Most people understand asynchronous behavior much more thoroughly than they expect, once they get past the complications of formal and restricted definitions.

1.3.1 ... because UNIX is asynchronous

In any UNIX system, processes execute asynchronously with respect to each other, even when there is only a single processor. Yes, until recently it was difficult to write individual programs for UNIX that behaved asynchronously—but UNIX has always made it fairly easy for you to behave asynchronously. When you type a command to a shell, you are really starting an independent program—if you run the program in the background, it runs asynchronously with the shell. When you pipe the output of one command to another you are starting several independent programs, which synchronize between themselves using the pipe.

I Time is a synchronization mechanism.

In many cases you provide synchronization between a series of processes yourself, maybe without even thinking about it. For example, you run the compiler after you've finished editing the source files. It wouldn't occur to you to compile them first, or even at the same time. That's elementary real-life synchronization.

I UNIX pipes and files can be synchronization mechanisms.

In other cases you may use more complicated software synchronization mechanisms. When you type 'ls|more' to a shell to pass the output of the ls command into the more command, you're describing synchronization by specifying a data dependency. The shell starts both commands right away, but the more command can't generate any output until it receives input from ls through the pipe. Both commands proceed concurrently (or even in parallel on a multiprocessor) with ls supplying data and more processing that data, independently of each other. If the pipe buffer is big enough, ls could complete before more ever started; but more can't ever get ahead of ls.

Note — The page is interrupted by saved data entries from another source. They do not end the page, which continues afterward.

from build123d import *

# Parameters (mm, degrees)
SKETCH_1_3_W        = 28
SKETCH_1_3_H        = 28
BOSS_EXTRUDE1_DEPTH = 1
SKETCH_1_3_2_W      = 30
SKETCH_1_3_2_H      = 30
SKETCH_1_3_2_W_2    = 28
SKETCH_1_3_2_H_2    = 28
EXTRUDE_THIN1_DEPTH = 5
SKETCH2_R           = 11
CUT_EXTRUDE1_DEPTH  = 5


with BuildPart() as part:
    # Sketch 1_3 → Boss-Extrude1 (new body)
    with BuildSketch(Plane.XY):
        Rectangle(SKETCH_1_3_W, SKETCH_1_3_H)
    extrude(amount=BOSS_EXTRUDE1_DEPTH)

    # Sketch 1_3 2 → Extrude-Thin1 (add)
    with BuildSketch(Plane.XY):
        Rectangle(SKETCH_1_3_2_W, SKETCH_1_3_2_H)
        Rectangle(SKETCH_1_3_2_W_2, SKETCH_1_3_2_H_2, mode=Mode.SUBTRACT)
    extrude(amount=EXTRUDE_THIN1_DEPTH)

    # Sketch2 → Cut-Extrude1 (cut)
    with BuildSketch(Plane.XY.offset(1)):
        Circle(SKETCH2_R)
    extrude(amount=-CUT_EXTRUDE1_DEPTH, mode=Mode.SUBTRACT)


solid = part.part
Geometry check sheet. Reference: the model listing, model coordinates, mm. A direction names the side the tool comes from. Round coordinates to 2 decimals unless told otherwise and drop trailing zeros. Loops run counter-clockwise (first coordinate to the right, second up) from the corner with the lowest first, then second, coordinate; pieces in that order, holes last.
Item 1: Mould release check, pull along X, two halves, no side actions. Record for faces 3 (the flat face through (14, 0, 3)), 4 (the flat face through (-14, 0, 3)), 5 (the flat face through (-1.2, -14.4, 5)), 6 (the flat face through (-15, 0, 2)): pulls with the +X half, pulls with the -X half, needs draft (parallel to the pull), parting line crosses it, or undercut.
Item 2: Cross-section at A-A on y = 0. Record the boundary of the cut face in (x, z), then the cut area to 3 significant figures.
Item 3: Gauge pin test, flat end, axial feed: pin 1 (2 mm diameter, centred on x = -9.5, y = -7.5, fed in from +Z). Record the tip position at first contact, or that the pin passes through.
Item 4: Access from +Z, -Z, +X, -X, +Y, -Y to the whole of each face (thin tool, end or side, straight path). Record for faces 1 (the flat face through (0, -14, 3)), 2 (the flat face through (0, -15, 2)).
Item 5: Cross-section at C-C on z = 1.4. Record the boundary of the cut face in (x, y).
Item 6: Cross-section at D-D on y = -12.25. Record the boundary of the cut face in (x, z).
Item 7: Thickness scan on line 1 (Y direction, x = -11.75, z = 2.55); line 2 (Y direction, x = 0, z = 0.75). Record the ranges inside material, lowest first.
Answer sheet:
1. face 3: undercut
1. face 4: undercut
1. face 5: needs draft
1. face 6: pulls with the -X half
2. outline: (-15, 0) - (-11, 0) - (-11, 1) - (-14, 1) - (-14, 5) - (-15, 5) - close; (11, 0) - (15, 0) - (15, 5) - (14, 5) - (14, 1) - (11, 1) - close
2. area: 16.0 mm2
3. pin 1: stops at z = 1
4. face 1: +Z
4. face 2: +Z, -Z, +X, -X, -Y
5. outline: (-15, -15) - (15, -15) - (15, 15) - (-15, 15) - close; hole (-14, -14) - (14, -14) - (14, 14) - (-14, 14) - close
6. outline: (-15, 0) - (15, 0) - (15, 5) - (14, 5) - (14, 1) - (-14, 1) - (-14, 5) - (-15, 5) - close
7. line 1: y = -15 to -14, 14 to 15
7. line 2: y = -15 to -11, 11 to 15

Some UNIX commands perform synchronization internally. For example, the command 'cc -o thread thread.c' might involve a number of separate processes. The cc command might be a 'front end' to the C language environment, which runs a filter to expand preprocessor commands (like #include and #if), a compiler to translate the program into an intermediate form, an optimizer to reorder the translation, an assembler to translate the intermediate form into object language, and a loader to translate that into an executable binary file. As with ls | more, all these programs may be running at the same time, with synchronization provided by pipes, or by access to temporary files.

UNIX processes can operate asynchronously because each process includes all the information needed to execute code. The operating system can save the state of one process and switch to another without affecting the operation of either. Any general-purpose asynchronous 'entity' needs enough state to enable the operating system to switch between them arbitrarily. But a UNIX process includes additional state that is not directly related to 'execution context,' such as an address space and file descriptors.

A thread is the part of a process that's necessary to execute code. On most computers that means each thread has a pointer to the thread's current instruction (often called a 'PC' or 'program counter'), a pointer to the top of the thread's stack (SP), general registers, and floating-point or address registers if they are kept separate. A thread may have other things, such as processor status and coprocessor control registers. A thread does not include most of the rest of the state associated with a process; for example, threads do not have their own file descriptors or address space. All threads within a process share all of the files and memory, including the program text and data segments.

I Threads are 'simpler' than processes.

You can think of a thread as a sort of 'stripped down' process, lean and mean and ready to go. The system can switch between two threads within a process much faster than it can switch between processes. A large part of this advantage comes from the fact that threads within a process share the address space—code, data, stack, everything.